I am hoping to have these ready by Christmas just for family (and tell them to wait at least a week before using them!).  I know using more water helps slow trace, but increases cure time so I was planning on staying around 33% lye concentration. I know that olive oil soap takes extra long to cure, but is that true for all "soft" oils or are there other unsaturated "soft" oils that do not take extra long to cure? 

I know sodium lactate hardens soap. Will that accelerate trace and/or shorten cure time? 

I'm sorry for all the questions. I've read so many threads/articles and can't quite find the answer to my questions. I'd appreciate any advise! Thanks in advance! -emi


----------



## lsg (Nov 21, 2018)

This from Soap Queen, " From my experience the slowest-moving oils are canola oil, pure olive oil and sweet almond oil. To create a recipe that gives you lots of time to swirl, I recommend formulating your recipe with about 60% slow moving oils. "

https://www.soapqueen.com/bath-and-...e-tips-swirling-cold-process-soap/#more-58320


----------



## DeeAnna (Nov 21, 2018)

There are all kinds of theories out there about how to increase the working time -- aka "time to trace."

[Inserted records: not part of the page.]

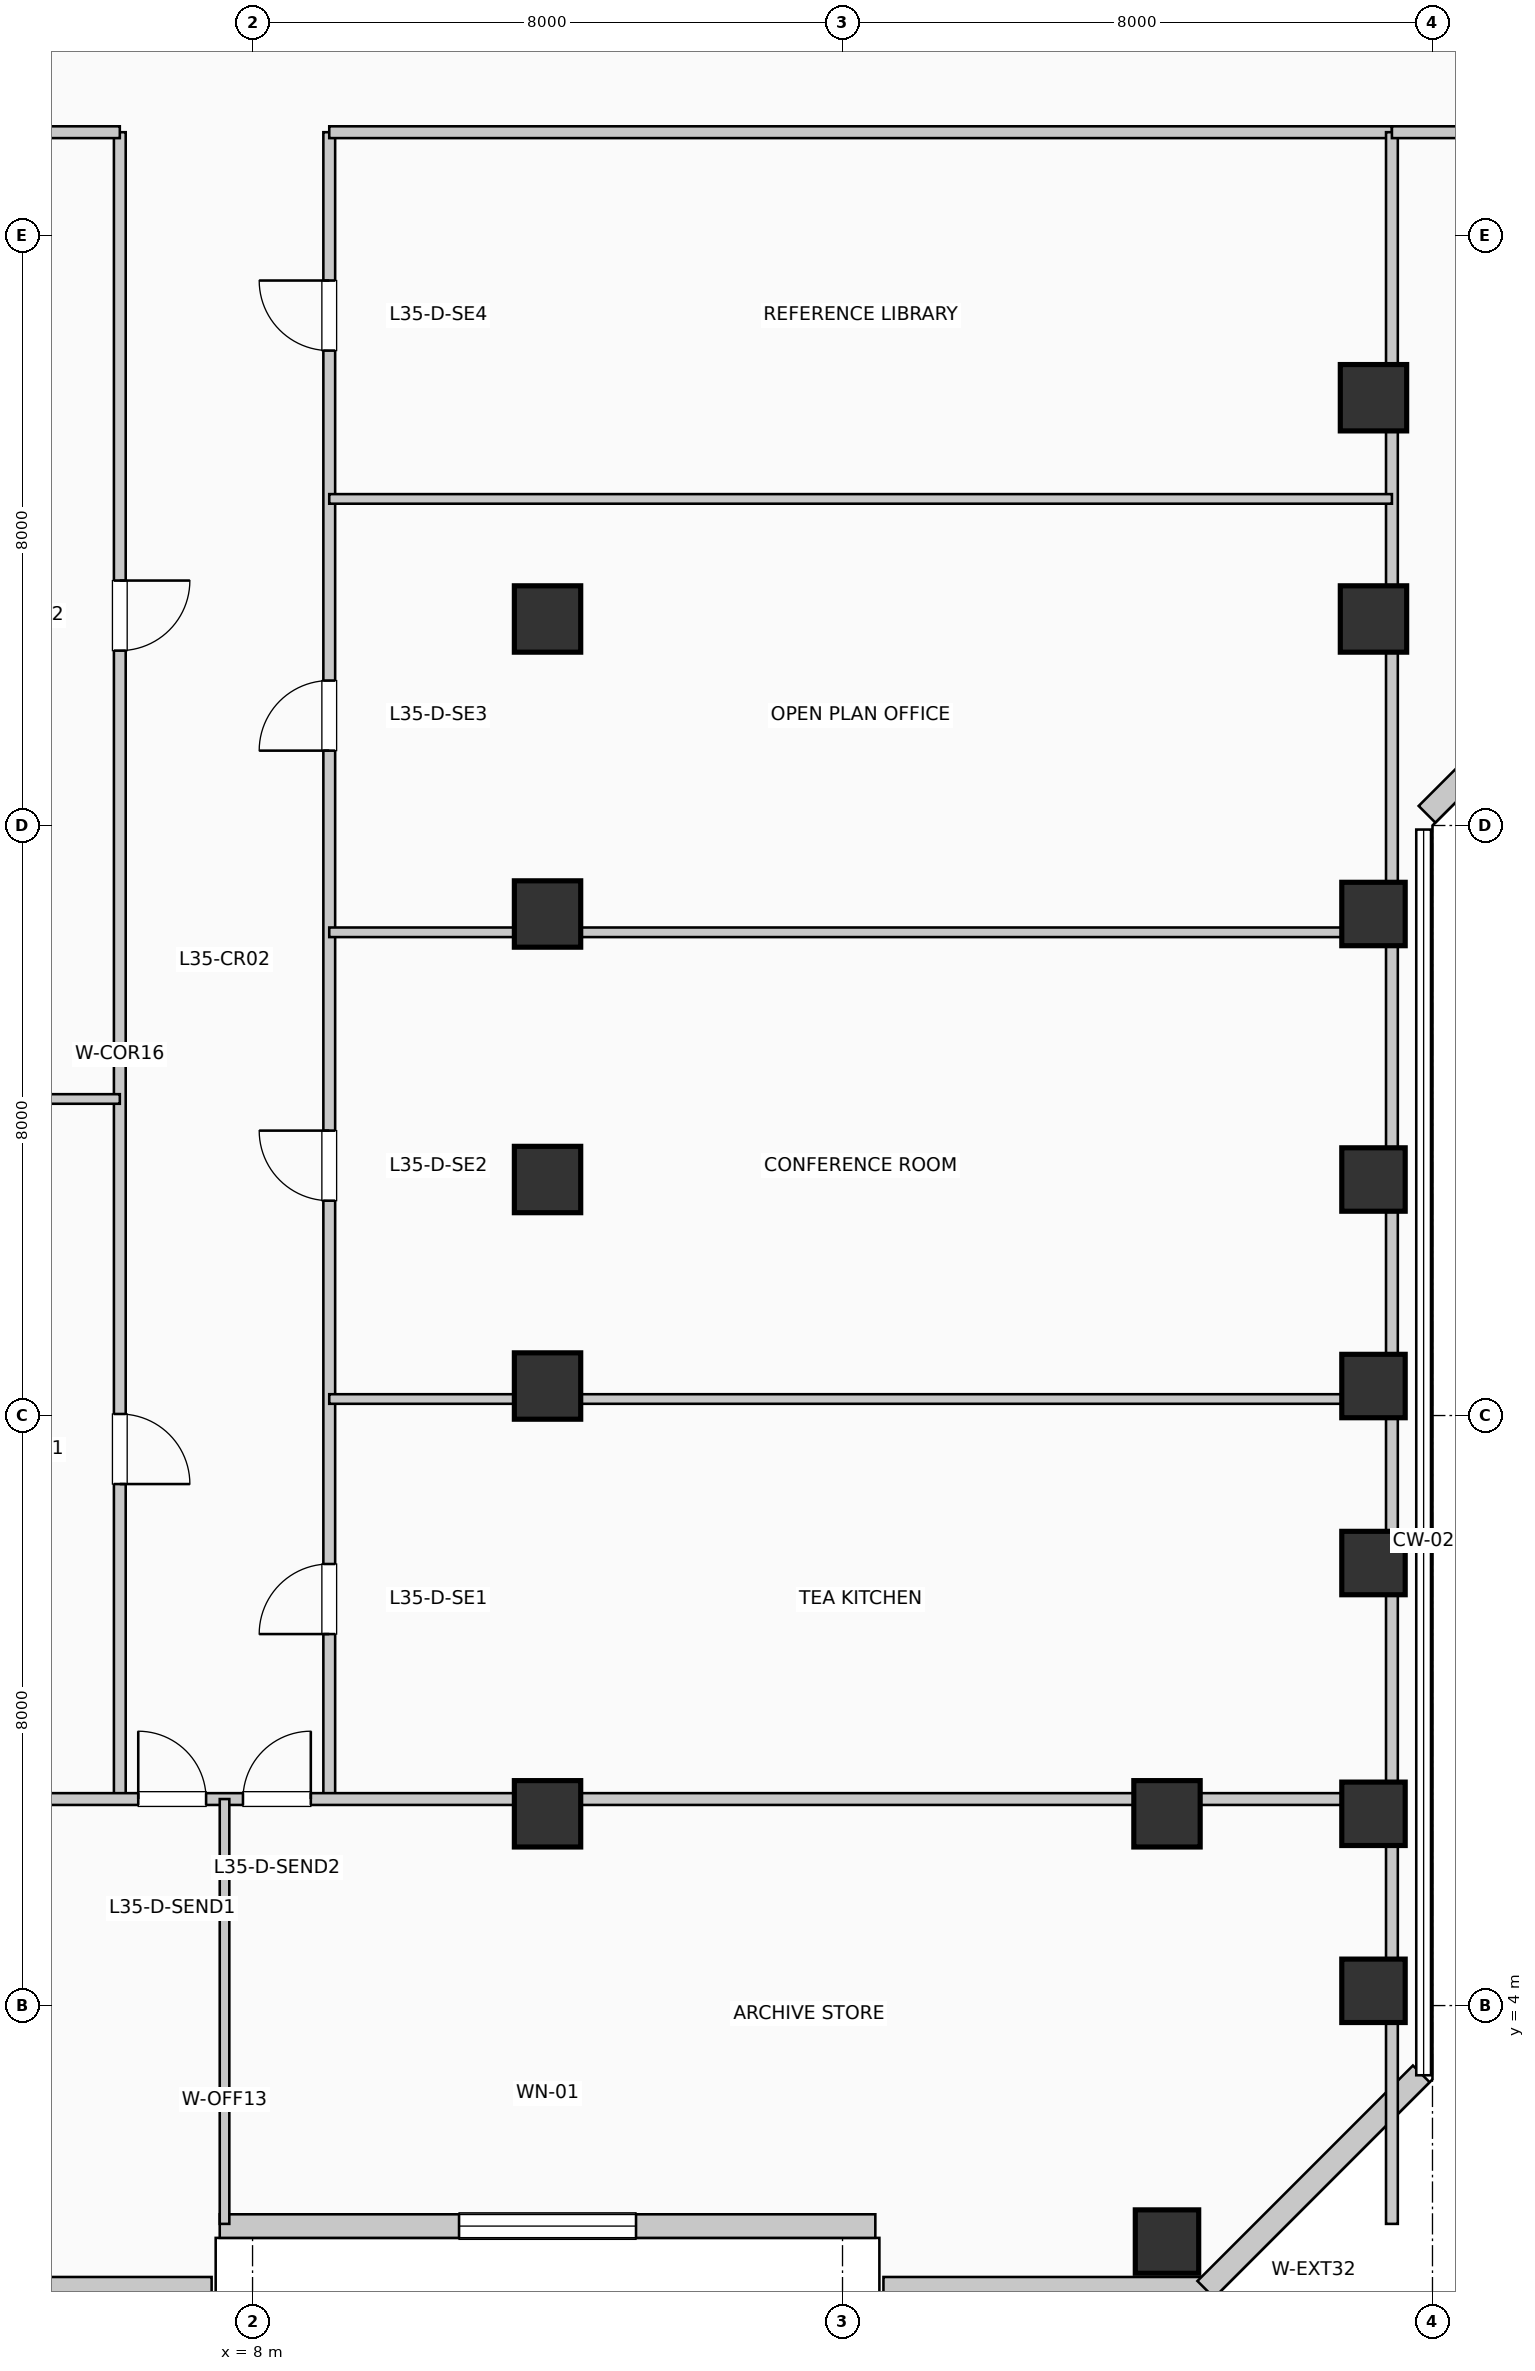
"""IFC4 building model, lengths in metres.
Left out: names, types, materials, properties, quantities, classifications, styles, units other than length and angle.
Written with IfcOpenShell. Run it as: python <this file> out.ifc"""

import sys

from ifc_helpers import new_model, si_unit, direction, frame, frame_2d, origin, origin_2d, place, context, subcontext, project, spatial, rectangle, extrude, element, fill, save


model = new_model("IFC4")
c1 = context("Model", 3, precision=1e-05, world=origin(), true_north=direction((0.0, 1.0)))
c2 = subcontext(c1, "Body", "Model", "MODEL_VIEW")
j1 = project(units=[si_unit("LENGTHUNIT", "METRE"), si_unit("PLANEANGLEUNIT", "RADIAN")], contexts=[c1])
p1 = place(None, origin())
s1 = spatial("IfcSite", under=j1, at=p1, CompositionType="ELEMENT")
p2 = place(p1, origin())
s2 = spatial("IfcBuilding", under=s1, at=p2, CompositionType="ELEMENT")
p3 = place(p2, frame((0.0, 0.0, 146.85)))
s3 = spatial("IfcBuildingStorey", under=s2, at=p3, CompositionType="ELEMENT", Elevation=146.85)
for number, where, z_axis, x_axis in (
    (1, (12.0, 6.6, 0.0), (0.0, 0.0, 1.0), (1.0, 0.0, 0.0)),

Some people use a high oleic recipe (aka recipe high in liquid fats such as olive) and a fairly high water content, say 28% lye concentration, and soap at low temps. Others get good results from using a recipe high in lard with their usual lye concentration (maybe 33%) and lukewarm temps.

But recipe isn't everything. Other factors that help give you more time to work --

Choose a scent that does not accelerate saponification.

Minimize the use of solid additives, because they can thicken the batter. Don't overdo the use of pigmented colors for the same reason. Titanium dioxide is a big one for thickening soap batter.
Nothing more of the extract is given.